Weather Impact Value Counts:
Weather_Impact
Normal Weather    106
Light_Rain         24
Heavy_Rain         14
Fog                 6
Name: count, dtype: int64




In [173]:
weather_delay_df = merged_df.groupby('Weather_Impact')['is_delayed'].mean().reset_index()

In [174]:
weather_delay_df = weather_delay_df.rename(columns={'is_delayed': 'Delay_Rate'})
weather_delay_df['Delay_Rate_Percent'] = weather_delay_df['Delay_Rate'] * 100

In [175]:
print(weather_delay_df.to_markdown(index=False, floatfmt=".2f"))

| Weather_Impact   |   Delay_Rate |   Delay_Rate_Percent |
|:-----------------|-------------:|---------------------:|
| Fog              |         0.17 |                16.67 |
| Heavy_Rain       |         0.50 |                50.00 |
| Light_Rain       |         0.38 |                37.50 |
| Normal Weather   |         0.50 |                50.00 |


In [176]:
weather_chart = alt.Chart(weather_delay_df).mark_bar().encode(
    # Use 'Weather_Impact' on the x-axis, sort by delay rate (descending)
    x=alt.X('Weather_Impact', sort='-y'),
    # Use 'Delay_Rate_Percent' on the y-axis
    y=alt.Y('Delay_Rate_Percent', title='Delay Rate (%)'),
    # Add tooltips to show details on hover
    tooltip=['Weather_Impact', alt.Tooltip('Delay_Rate_Percent', format='.1f')]
).properties(
    title='Delay Rate by Weather Impact',
    width = 400, height = 250
).interactive()

In [177]:
weather_chart

In [178]:
print("Special Handling Value Counts:")
print(merged_df['Special_Handling'].value_counts())

Special Handling Value Counts:
Special_Handling
Normal Handling           115
Fragile                    18
Temperature_Controlled     10
Hazmat                      7
Name: count, dtype: int64


In [179]:
handling_delay_df = merged_df.groupby('Special_Handling')['is_delayed'].mean().reset_index()

In [180]:
handling_delay_df = handling_delay_df.rename(columns={'is_delayed': 'Delay_Rate'})
handling_delay_df['Delay_Rate_Percent'] = handling_delay_df['Delay_Rate'] * 100

In [181]:
print(handling_delay_df.to_markdown(index=False, floatfmt=".2f"))

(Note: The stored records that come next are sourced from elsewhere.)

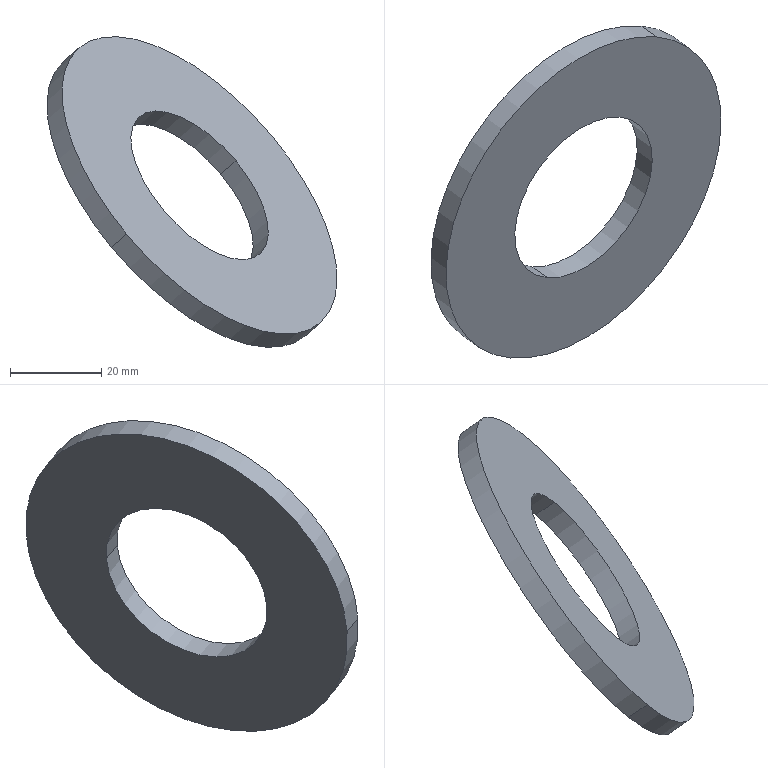Component | SolidWorks | Bolt40x20x5-1 | 1 solid | 6 faces | box 63.45 x 72.72 x 67.97 mm | volume 18850 mm3 | cylinder 4 | plane 2 | commonest cylinder face diameters 40 x2 80 x2 | material Copper
build123d program:
from build123d import *

# Parameters (mm, degrees)
SKETCH1_R           = 40
SKETCH1_R_2         = 20
BOSS_EXTRUDE1_DEPTH = 5


with BuildPart() as part:
    # Sketch1 → Boss-Extrude1 (new body)
    with BuildSketch(Plane(origin=(0, 0, 0), x_dir=(1, 0, 0), z_dir=(0, 1, 0))):
        with Locations(Location((0, 0, 0), (0, 0, 270))):
            Circle(SKETCH1_R)
        with Locations(Location((0, 0, 0), (0, 0, 270))):
            Circle(SKETCH1_R_2, mode=Mode.SUBTRACT)
    extrude(amount=BOSS_EXTRUDE1_DEPTH)


solid = part.part

# Placed as in the assembly
solid = solid.moved(Location((-297.64, -1560.03, 10.595), (-9.823, -36.737, -124.654)))
STEP:
#1=COLOUR_RGB('',0.7922,0.8196,0.9333);
#2=FILL_AREA_STYLE_COLOUR('',#1);
#3=FILL_AREA_STYLE('',(#2));
#4=SURFACE_STYLE_FILL_AREA(#3);
#5=SURFACE_SIDE_STYLE('',(#4));
#6=SURFACE_STYLE_USAGE(.BOTH.,#5);
#7=PRESENTATION_STYLE_ASSIGNMENT((#6));
#8=CARTESIAN_POINT('',(-11.404,-60.728,0.627));
#9=VERTEX_POINT('',#8);
#10=CARTESIAN_POINT('',(-12.032,-62.109,0.2073));
#11=VERTEX_POINT('',#10);
#12=CARTESIAN_POINT('',(-11.718,-61.419,0.4171));
#13=DIRECTION('',(-0.6592,0.4763,-0.5818));
#14=DIRECTION('',(-0.3988,-0.8775,-0.2665));
#15=AXIS2_PLACEMENT_3D('',#12,#13,#14);
#16=CIRCLE('',#15,0.7874);
#17=EDGE_CURVE('',#9,#11,#16,.T.);
#18=ORIENTED_EDGE('',*,*,#17,.T.);
#19=CARTESIAN_POINT('',(-11.902,-62.203,0.3218));
#20=VERTEX_POINT('',#19);
#21=CARTESIAN_POINT('',(-12.032,-62.109,0.2073));
#22=DIRECTION('',(0.6592,-0.4763,0.5818));
#23=VECTOR('',#22,39.37);
#24=LINE('',#21,#23);
#25=EDGE_CURVE('',#11,#20,#24,.T.);
#26=ORIENTED_EDGE('',*,*,#25,.T.);
#27=CARTESIAN_POINT('',(-11.274,-60.821,0.7415));
#28=VERTEX_POINT('',#27);
#29=CARTESIAN_POINT('',(-11.588,-61.512,0.5317));
#30=DIRECTION('',(-0.6592,0.4763,-0.5818));
#31=DIRECTION('',(-0.3988,-0.8775,-0.2665));
#32=AXIS2_PLACEMENT_3D('',#29,#30,#31);
#33=CIRCLE('',#32,0.7874);
#34=EDGE_CURVE('',#28,#20,#33,.T.);
#35=ORIENTED_EDGE('',*,*,#34,.F.);
#36=CARTESIAN_POINT('',(-11.404,-60.728,0.627));
#37=DIRECTION('',(0.6592,-0.4763,0.5818));
#38=VECTOR('',#37,39.37);
#39=LINE('',#36,#38);
#40=EDGE_CURVE('',#9,#28,#39,.T.);
#41=ORIENTED_EDGE('',*,*,#40,.F.);
#42=EDGE_LOOP('',(#18,#26,#35,#41));
#43=FACE_OUTER_BOUND('',#42,.T.);
#44=CARTESIAN_POINT('',(-11.718,-61.419,0.4171));
#45=DIRECTION('',(0.6592,-0.4763,0.5818));
#46=DIRECTION('',(0.3988,0.8775,0.2665));
#47=AXIS2_PLACEMENT_3D('',#44,#45,#46);
#48=CYLINDRICAL_SURFACE('',#47,0.7874);
#49=ADVANCED_FACE('',(#43),#48,.F.);
#50=CARTESIAN_POINT('',(-12.346,-62.8,-0.00255));
#51=VERTEX_POINT('',#50);
#52=CARTESIAN_POINT('',(-11.09,-60.037,0.8368));
#53=VERTEX_POINT('',#52);
#54=CARTESIAN_POINT('',(-11.718,-61.419,0.4171));
#55=DIRECTION('',(-0.6592,0.4763,-0.5818));
#56=DIRECTION('',(-0.3988,-0.8775,-0.2665));
#57=AXIS2_PLACEMENT_3D('',#54,#55,#56);
#58=CIRCLE('',#57,1.575);
#59=EDGE_CURVE('',#51,#53,#58,.T.);
#60=ORIENTED_EDGE('',*,*,#59,.F.);
#61=CARTESIAN_POINT('',(-12.216,-62.894,0.112));
#62=VERTEX_POINT('',#61);
#63=CARTESIAN_POINT('',(-12.346,-62.8,-0.00255));
#64=DIRECTION('',(0.6592,-0.4763,0.5818));
#65=VECTOR('',#64,39.37);
#66=LINE('',#63,#65);
#67=EDGE_CURVE('',#51,#62,#66,.T.);
#68=ORIENTED_EDGE('',*,*,#67,.T.);
#69=CARTESIAN_POINT('',(-10.96,-60.13,0.9514));
#70=VERTEX_POINT('',#69);
#71=CARTESIAN_POINT('',(-11.588,-61.512,0.5317));
#72=DIRECTION('',(-0.6592,0.4763,-0.5818));
#73=DIRECTION('',(-0.3988,-0.8775,-0.2665));
#74=AXIS2_PLACEMENT_3D('',#71,#72,#73);
#75=CIRCLE('',#74,1.575);
#76=EDGE_CURVE('',#62,#70,#75,.T.);
#77=ORIENTED_EDGE('',*,*,#76,.T.);
#78=CARTESIAN_POINT('',(-11.09,-60.037,0.8368));
#79=DIRECTION('',(0.6592,-0.4763,0.5818));
#80=VECTOR('',#79,39.37);
#81=LINE('',#78,#80);
#82=EDGE_CURVE('',#53,#70,#81,.T.);
#83=ORIENTED_EDGE('',*,*,#82,.F.);
#84=EDGE_LOOP('',(#60,#68,#77,#83));
#85=FACE_OUTER_BOUND('',#84,.T.);
#86=CARTESIAN_POINT('',(-11.718,-61.419,0.4171));
#87=DIRECTION('',(0.6592,-0.4763,0.5818));
#88=DIRECTION('',(0.3988,0.8775,0.2665));
#89=AXIS2_PLACEMENT_3D('',#86,#87,#88);
#90=CYLINDRICAL_SURFACE('',#89,1.575);
#91=ADVANCED_FACE('',(#85),#90,.T.);
#92=CARTESIAN_POINT('',(-11.718,-61.419,0.4171));
#93=DIRECTION('',(-0.6592,0.4763,-0.5818));
#94=DIRECTION('',(-0.3988,-0.8775,-0.2665));
#95=AXIS2_PLACEMENT_3D('',#92,#93,#94);
#96=CIRCLE('',#95,1.575);
#97=EDGE_CURVE('',#53,#51,#96,.T.);
#98=ORIENTED_EDGE('',*,*,#97,.T.);
#99=ORIENTED_EDGE('',*,*,#59,.T.);
#100=EDGE_LOOP('',(#98,#99));
#101=FACE_OUTER_BOUND('',#100,.T.);
#102=ORIENTED_EDGE('',*,*,#17,.F.);
#103=CARTESIAN_POINT('',(-11.718,-61.419,0.4171));
#104=DIRECTION('',(-0.6592,0.4763,-0.5818));
#105=DIRECTION('',(-0.3988,-0.8775,-0.2665));
#106=AXIS2_PLACEMENT_3D('',#103,#104,#105);
#107=CIRCLE('',#106,0.7874);
#108=EDGE_CURVE('',#11,#9,#107,.T.);
#109=ORIENTED_EDGE('',*,*,#108,.F.);
#110=EDGE_LOOP('',(#102,#109));
#111=FACE_BOUND('',#110,.T.);
#112=CARTESIAN_POINT('',(-11.718,-61.419,0.4171));
#113=DIRECTION('',(-0.6592,0.4763,-0.5818));
#114=DIRECTION('',(-0.3988,-0.8775,-0.2665));
#115=AXIS2_PLACEMENT_3D('',#112,#113,#114);
#116=PLANE('',#115);
#117=ADVANCED_FACE('',(#101,#111),#116,.T.);
#118=CARTESIAN_POINT('',(-11.588,-61.512,0.5317));
#119=DIRECTION('',(-0.6592,0.4763,-0.5818));
#120=DIRECTION('',(-0.3988,-0.8775,-0.2665));
#121=AXIS2_PLACEMENT_3D('',#118,#119,#120);
#122=CIRCLE('',#121,1.575);
#123=EDGE_CURVE('',#70,#62,#122,.T.);
#124=ORIENTED_EDGE('',*,*,#123,.F.);
#125=ORIENTED_EDGE('',*,*,#76,.F.);
#126=EDGE_LOOP('',(#124,#125));
#127=FACE_OUTER_BOUND('',#126,.T.);
#128=ORIENTED_EDGE('',*,*,#34,.T.);
#129=CARTESIAN_POINT('',(-11.588,-61.512,0.5317));
#130=DIRECTION('',(-0.6592,0.4763,-0.5818));
#131=DIRECTION('',(-0.3988,-0.8775,-0.2665));
#132=AXIS2_PLACEMENT_3D('',#129,#130,#131);
#133=CIRCLE('',#132,0.7874);
#134=EDGE_CURVE('',#20,#28,#133,.T.);
#135=ORIENTED_EDGE('',*,*,#134,.T.);
#136=EDGE_LOOP('',(#128,#135));
#137=FACE_BOUND('',#136,.T.);
#138=CARTESIAN_POINT('',(-11.588,-61.512,0.5317));
#139=DIRECTION('',(-0.6592,0.4763,-0.5818));
#140=DIRECTION('',(-0.3988,-0.8775,-0.2665));
#141=AXIS2_PLACEMENT_3D('',#138,#139,#140);
#142=PLANE('',#141);
#143=ADVANCED_FACE('',(#127,#137),#142,.F.);
#144=ORIENTED_EDGE('',*,*,#67,.F.);
#145=ORIENTED_EDGE('',*,*,#97,.F.);
#146=ORIENTED_EDGE('',*,*,#82,.T.);
#147=ORIENTED_EDGE('',*,*,#123,.T.);
#148=EDGE_LOOP('',(#144,#145,#146,#147));
#149=FACE_OUTER_BOUND('',#148,.T.);
#150=CARTESIAN_POINT('',(-11.718,-61.419,0.4171));
#151=DIRECTION('',(0.6592,-0.4763,0.5818));
#152=DIRECTION('',(0.3988,0.8775,0.2665));
#153=AXIS2_PLACEMENT_3D('',#150,#151,#152);
#154=CYLINDRICAL_SURFACE('',#153,1.575);
#155=ADVANCED_FACE('',(#149),#154,.T.);
#156=ORIENTED_EDGE('',*,*,#25,.F.);
#157=ORIENTED_EDGE('',*,*,#108,.T.);
#158=ORIENTED_EDGE('',*,*,#40,.T.);
#159=ORIENTED_EDGE('',*,*,#134,.F.);
#160=EDGE_LOOP('',(#156,#157,#158,#159));
#161=FACE_OUTER_BOUND('',#160,.T.);
#162=CARTESIAN_POINT('',(-11.718,-61.419,0.4171));
#163=DIRECTION('',(0.6592,-0.4763,0.5818));
#164=DIRECTION('',(0.3988,0.8775,0.2665));
#165=AXIS2_PLACEMENT_3D('',#162,#163,#164);
#166=CYLINDRICAL_SURFACE('',#165,0.7874);
#167=ADVANCED_FACE('',(#161),#166,.F.);
#168=CLOSED_SHELL('',(#49,#91,#117,#143,#155,#167));
#169=MANIFOLD_SOLID_BREP('',#168);
#170=STYLED_ITEM('',(#7),#169);
#171=(LENGTH_UNIT()NAMED_UNIT(*)SI_UNIT($,.METRE.));
#172=LENGTH_MEASURE_WITH_UNIT(LENGTH_MEASURE(0.0254),#171);
#173=DIMENSIONAL_EXPONENTS(1.,0.,0.,0.,0.,0.,0.);
#174=(CONVERSION_BASED_UNIT('',#172)LENGTH_UNIT()NAMED_UNIT(#173));
#175=UNCERTAINTY_MEASURE_WITH_UNIT(LENGTH_MEASURE(0.00001),#174,'','');
#176=(NAMED_UNIT(*)PLANE_ANGLE_UNIT()SI_UNIT($,.RADIAN.));
#177=(NAMED_UNIT(*)SI_UNIT($,.STERADIAN.)SOLID_ANGLE_UNIT());
#178=(GEOMETRIC_REPRESENTATION_CONTEXT(3)GLOBAL_UNCERTAINTY_ASSIGNED_CONTEXT((#175))GLOBAL_UNIT_ASSIGNED_CONTEXT((#174,#176,#177))REPRESENTATION_CONTEXT('',''));
#179=MECHANICAL_DESIGN_GEOMETRIC_PRESENTATION_REPRESENTATION('',(#170),#178);
#180=PRESENTATION_LAYER_ASSIGNMENT('','',(#170));
#181=CARTESIAN_POINT('',(0.,0.,0.));
#182=DIRECTION('',(0.,0.,1.));
#183=DIRECTION('',(1.,0.,0.));
#184=AXIS2_PLACEMENT_3D('',#181,#182,#183);
#185=(LENGTH_UNIT()NAMED_UNIT(*)SI_UNIT($,.METRE.));
#186=LENGTH_MEASURE_WITH_UNIT(LENGTH_MEASURE(0.0254),#185);
#187=DIMENSIONAL_EXPONENTS(1.,0.,0.,0.,0.,0.,0.);
#188=(CONVERSION_BASED_UNIT('',#186)LENGTH_UNIT()NAMED_UNIT(#187));
#189=UNCERTAINTY_MEASURE_WITH_UNIT(LENGTH_MEASURE(0.00001),#188,'','');
#190=(NAMED_UNIT(*)PLANE_ANGLE_UNIT()SI_UNIT($,.RADIAN.));
#191=(NAMED_UNIT(*)SI_UNIT($,.STERADIAN.)SOLID_ANGLE_UNIT());
#192=(GEOMETRIC_REPRESENTATION_CONTEXT(3)GLOBAL_UNCERTAINTY_ASSIGNED_CONTEXT((#189))GLOBAL_UNIT_ASSIGNED_CONTEXT((#188,#190,#191))REPRESENTATION_CONTEXT('',''));
#193=ADVANCED_BREP_SHAPE_REPRESENTATION('',(#169,#184),#192);

| Special_Handling       |   Delay_Rate |   Delay_Rate_Percent |
|:-----------------------|-------------:|---------------------:|
| Fragile                |         0.39 |                38.89 |
| Hazmat                 |         0.71 |                71.43 |
| Normal Handling        |         0.46 |                46.09 |
| Temperature_Controlled |         0.50 |                50.00 |


In [182]:
handling_chart = alt.Chart(handling_delay_df).mark_bar().encode(
    # Use 'Special_Handling' on the x-axis, sort by delay rate (descending)
    x=alt.X('Special_Handling', sort='-y'),
    # Use 'Delay_Rate_Percent' on the y-axis
    y=alt.Y('Delay_Rate_Percent', title='Delay Rate (%)'),
    # Add tooltips to show details on hover
    tooltip=['Special_Handling', alt.Tooltip('Delay_Rate_Percent', format='.1f')]
).properties(
    title='Delay Rate by Special Handling',
    width = 400, height = 250
).interactive()

In [183]:
handling_chart

In [196]:
route_traffic_df = merged_df.groupby('Route')['Traffic_Delay_Minutes'].mean().reset_index()
route_traffic_df.columns = ['Route', 'Average_Traffic_Delay_Minutes']

In [197]:
route_traffic_df = route_traffic_df.sort_values(by='Average_Traffic_Delay_Minutes', ascending=False)

In [200]:
#Top 10 worst routes
top_10_routes_df = route_traffic_df.head(10)

In [201]:
print("Top 10 Routes with Highest Average Traffic Delays:\n")
print(top_10_routes_df.to_markdown(index=False, floatfmt='.1f'))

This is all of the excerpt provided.